Herod the Great

Herod the Great was the son of Antipater. He was the procurator of Judah, under Julius Caesar, and king, under Augustus.

He reigned as an appointed king for 33 years (37-4 BC). He was of both Jewish and Edomite ancestry. He made outstanding contributions to the architecture of his day. At Samaria and Caesarea he founded entire cities and built many others. He built temples, theaters and fortresses. His most magnificent achievement was the reconstruction of the Temple in Jerusalem, which was started in 19 BC.
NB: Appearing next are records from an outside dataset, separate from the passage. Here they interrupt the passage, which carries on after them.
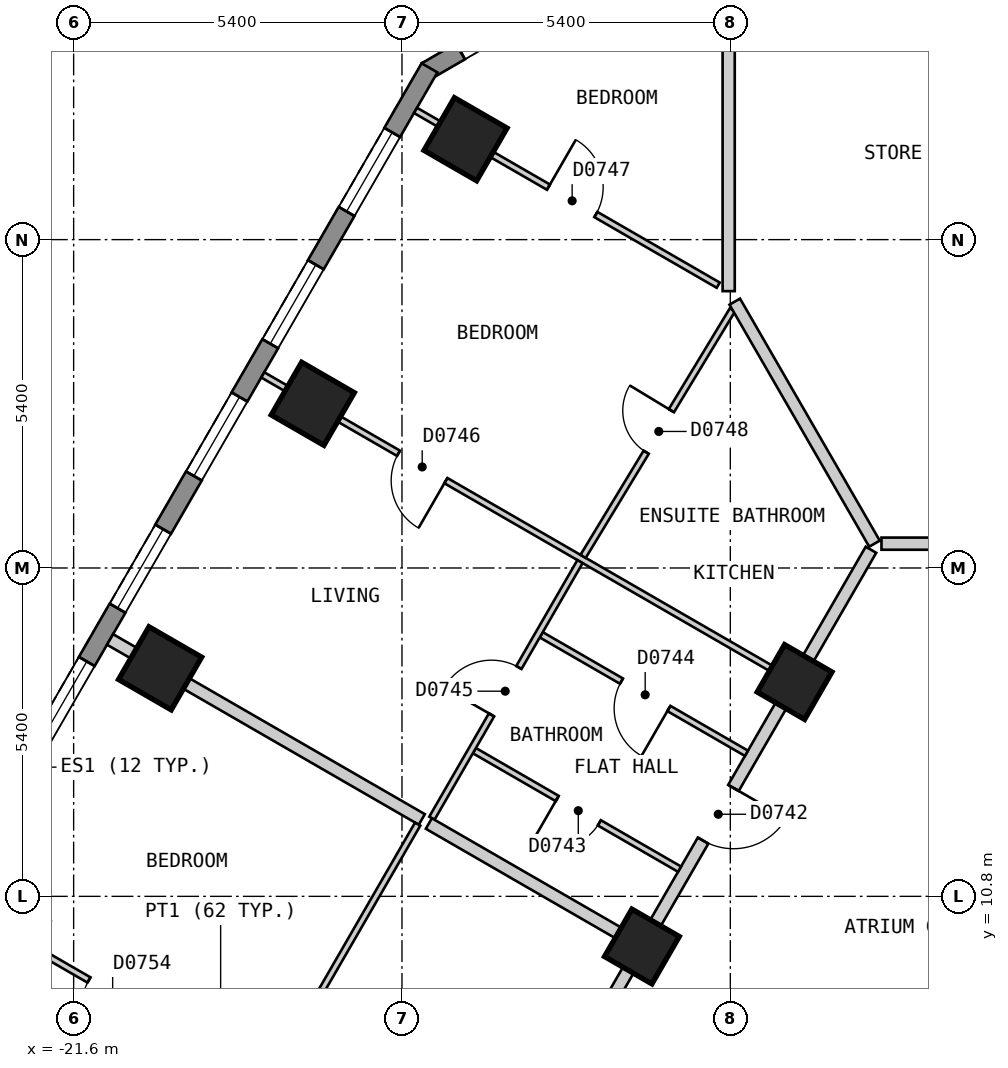
"""IFC4 building model, lengths in metres.
Left out: names, types, materials, properties, quantities, classifications, styles, units other than length and angle.
Written with IfcOpenShell. Run it as: python <this file> out.ifc"""

import sys

from ifc_helpers import new_model, si_unit, direction, frame, frame_2d, origin, origin_2d, place, context, subcontext, project, spatial, polyline, rectangle, outline, extrude, element, fill, save


model = new_model("IFC4")
c1 = context("Model", 3, precision=1e-05, world=origin(), true_north=direction((0.0, 1.0)))
c2 = subcontext(c1, "Body", "Model", "MODEL_VIEW")
j1 = project(units=[si_unit("LENGTHUNIT", "METRE"), si_unit("PLANEANGLEUNIT", "RADIAN")], contexts=[c1])
p1 = place(None, origin())
s1 = spatial("IfcSite", under=j1, at=p1, CompositionType="ELEMENT")
p2 = place(p1, origin())
s2 = spatial("IfcBuilding", under=s1, at=p2, CompositionType="ELEMENT")
p3 = place(p2, frame((0.0, 0.0, 99.0)))
s3 = spatial("IfcBuildingStorey", under=s2, at=p3, CompositionType="ELEMENT", Elevation=99.0)
for number, where, z_axis, x_axis in (
    (1, (-15.155, 23.251, 0.0), (0.0, 0.0, 1.0), (-0.5, -0.866, 0.0)),
    (2, (-17.667, 18.9, 0.0), (0.0, 0.0, 1.0), (-0.5, -0.866, 0.0)),
    (3, (-20.178, 14.55, 0.0), (0.0, 0.0, 1.0), (-0.5, -0.866, 0.0)),
):
    element("IfcColumn", number, at=place(p3, frame(where, z_axis=z_axis, x_axis=x_axis)), inside=s3, PredefinedType="COLUMN", context=c2, shape_type="SweptSolid", body=[
        extrude(rectangle(XDim=1.0, YDim=1.0, at=origin_2d()), origin(), (0.0, 0.0, 1.0), 3.0),
    ])
for number, where, z_axis, x_axis in (
    (4, (-9.743, 14.325, 0.0), (0.0, 0.0, 1.0), (-0.5, -0.866, 0.0)),
    (5, (-12.254, 9.975, 0.0), (0.0, 0.0, 1.0), (-0.5, -0.866, 0.0)),
):
    element("IfcColumn", number, at=place(p3, frame(where, z_axis=z_axis, x_axis=x_axis)), inside=s3, PredefinedType="COLUMN", context=c2, shape_type="SweptSolid", body=[
        extrude(rectangle(XDim=0.9, YDim=0.9, at=origin_2d()), origin(), (0.0, 0.0, 1.0), 3.0),
    ])
p4 = place(p3, frame((-11.472, 26.87, 0.0), z_axis=(0.0, 0.0, 1.0), x_axis=(-0.866022959057, -0.500004234368, 0.0)))
e6 = element("IfcWall", 6, at=p4, inside=s3, PredefinedType="SOLIDWALL", context=c2, shape_type="SweptSolid", body=[
    extrude(outline(polyline([(0.0, -0.15), (5.0, -0.15), (4.92, 0.15), (0.08, 0.15), (0.0, -0.15)])), origin(), (0.0, 0.0, 1.0), 2.7),
])
p5 = place(p4, frame((0.65, 0.0, 0.15)))
e7 = element("IfcOpeningElement", 7, at=p5, cuts=e6, PredefinedType="OPENING", context=c2, shape_type="SweptSolid", body=[
    extrude(rectangle(XDim=1.2, YDim=2.1, at=frame_2d((0.6, 1.05))), frame((0.0, 0.16, 0.0), z_axis=(0.0, -1.0, 0.0), x_axis=(1.0, 0.0, 0.0)), (0.0, 0.0, 1.0), 0.32),
])
p6 = place(p4, frame((3.149, 0.0, 0.15)))
e8 = element("IfcOpeningElement", 8, at=p6, cuts=e6, PredefinedType="OPENING", context=c2, shape_type="SweptSolid", body=[
    extrude(rectangle(XDim=1.2, YDim=2.1, at=frame_2d((0.6, 1.05))), frame((0.0, 0.16, 0.0), z_axis=(0.0, -1.0, 0.0), x_axis=(1.0, 0.0, 0.0)), (0.0, 0.0, 1.0), 0.32),
])
p7 = place(p3, frame((-15.747, 24.425, 0.0), z_axis=(0.0, 0.0, 1.0), x_axis=(-0.500027479704, -0.866009537788, 0.0)))
e9 = element("IfcWall", 9, at=p7, inside=s3, PredefinedType="SOLIDWALL", context=c2, shape_type="SweptSolid", body=[
    extrude(outline(polyline([(0.0, -0.15), (26.559, -0.15), (26.478, 0.15), (0.08, 0.15), (0.0, -0.15)])), origin(), (0.0, 0.0, 1.0), 2.7),
])
p8 = place(p7, frame((1.227, 0.0, 0.15)))
e10 = element("IfcOpeningElement", 10, at=p8, cuts=e9, PredefinedType="OPENING", context=c2, shape_type="SweptSolid", body=[
    extrude(rectangle(XDim=1.5, YDim=2.1, at=frame_2d((0.75, 1.05))), frame((0.0, 0.16, 0.0), z_axis=(0.0, -1.0, 0.0), x_axis=(1.0, 0.0, 0.0)), (0.0, 0.0, 1.0), 0.32),
])
p9 = place(p7, frame((3.739, 0.0, 0.15)))
e11 = element("IfcOpeningElement", 11, at=p9, cuts=e9, PredefinedType="OPENING", context=c2, shape_type="SweptSolid", body=[
    extrude(rectangle(XDim=1.5, YDim=2.1, at=frame_2d((0.75, 1.05))), frame((0.0, 0.16, 0.0), z_axis=(0.0, -1.0, 0.0), x_axis=(1.0, 0.0, 0.0)), (0.0, 0.0, 1.0), 0.32),
])
p10 = place(p7, frame((6.25, 0.0, 0.15)))
e12 = element("IfcOpeningElement", 12, at=p10, cuts=e9, PredefinedType="OPENING", context=c2, shape_type="SweptSolid", body=[
    extrude(rectangle(XDim=1.5, YDim=2.1, at=frame_2d((0.75, 1.05))), frame((0.0, 0.16, 0.0), z_axis=(0.0, -1.0, 0.0), x_axis=(1.0, 0.0, 0.0)), (0.0, 0.0, 1.0), 0.32),
])
p11 = place(p7, frame((8.761, 0.0, 0.15)))
e13 = element("IfcOpeningElement", 13, at=p11, cuts=e9, PredefinedType="OPENING", context=c2, shape_type="SweptSolid", body=[
    extrude(rectangle(XDim=1.5, YDim=2.1, at=frame_2d((0.75, 1.05))), frame((0.0, 0.16, 0.0), z_axis=(0.0, -1.0, 0.0), x_axis=(1.0, 0.0, 0.0)), (0.0, 0.0, 1.0), 0.32),
])
p12 = place(p7, frame((11.273, 0.0, 0.15)))
e14 = element("IfcOpeningElement", 14, at=p12, cuts=e9, PredefinedType="OPENING", context=c2, shape_type="SweptSolid", body=[
    extrude(rectangle(XDim=1.5, YDim=2.1, at=frame_2d((0.75, 1.05))), frame((0.0, 0.16, 0.0), z_axis=(0.0, -1.0, 0.0), x_axis=(1.0, 0.0, 0.0)), (0.0, 0.0, 1.0), 0.32),
])
p13 = place(p7, frame((13.785, 0.0, 0.15)))
e15 = element("IfcOpeningElement", 15, at=p13, cuts=e9, PredefinedType="OPENING", context=c2, shape_type="SweptSolid", body=[
    extrude(rectangle(XDim=1.5, YDim=2.1, at=frame_2d((0.75, 1.05))), frame((0.0, 0.16, 0.0), z_axis=(0.0, -1.0, 0.0), x_axis=(1.0, 0.0, 0.0)), (0.0, 0.0, 1.0), 0.32),
])
p14 = place(p7, frame((16.296, 0.0, 0.15)))
e16 = element("IfcOpeningElement", 16, at=p14, cuts=e9, PredefinedType="OPENING", context=c2, shape_type="SweptSolid", body=[
    extrude(rectangle(XDim=1.5, YDim=2.1, at=frame_2d((0.75, 1.05))), frame((0.0, 0.16, 0.0), z_axis=(0.0, -1.0, 0.0), x_axis=(1.0, 0.0, 0.0)), (0.0, 0.0, 1.0), 0.32),
])
p15 = place(p7, frame((18.807, 0.0, 0.15)))
e17 = element("IfcOpeningElement", 17, at=p15, cuts=e9, PredefinedType="OPENING", context=c2, shape_type="SweptSolid", body=[
    extrude(rectangle(XDim=1.5, YDim=2.1, at=frame_2d((0.75, 1.05))), frame((0.0, 0.16, 0.0), z_axis=(0.0, -1.0, 0.0), x_axis=(1.0, 0.0, 0.0)), (0.0, 0.0, 1.0), 0.32),
])
p16 = place(p7, frame((21.319, 0.0, 0.15)))
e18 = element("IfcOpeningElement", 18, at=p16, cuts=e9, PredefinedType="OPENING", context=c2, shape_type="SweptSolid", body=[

Shortly after Jesus was born, Herod was visited by men from the east. The men told Herod that they had seen a sign in the sky signifying that the King of the Jews had been born and that they wanted to visit with him. This concerned Herod, perhaps because he feared that the birth of a new king would mean the end of his own reign.

Herod called for priests and teachers to explain to him where specifically he might look for this newly born king. The priests and teachers explained that the Jewish Messiah was to be born in Bethlehem. So, Herod sent men to kill all of the babies in Bethlehem. But Jesus and his family fled to Egypt before the killing had started.

After Herod died, an angel of the Lord again appeared to Joseph, and told him to take the Baby and His mother back to Israel. (Matthew, chapter 2).

After his reign, Herod's sons became rulers, including Herod Archelaus and Herod Antipas.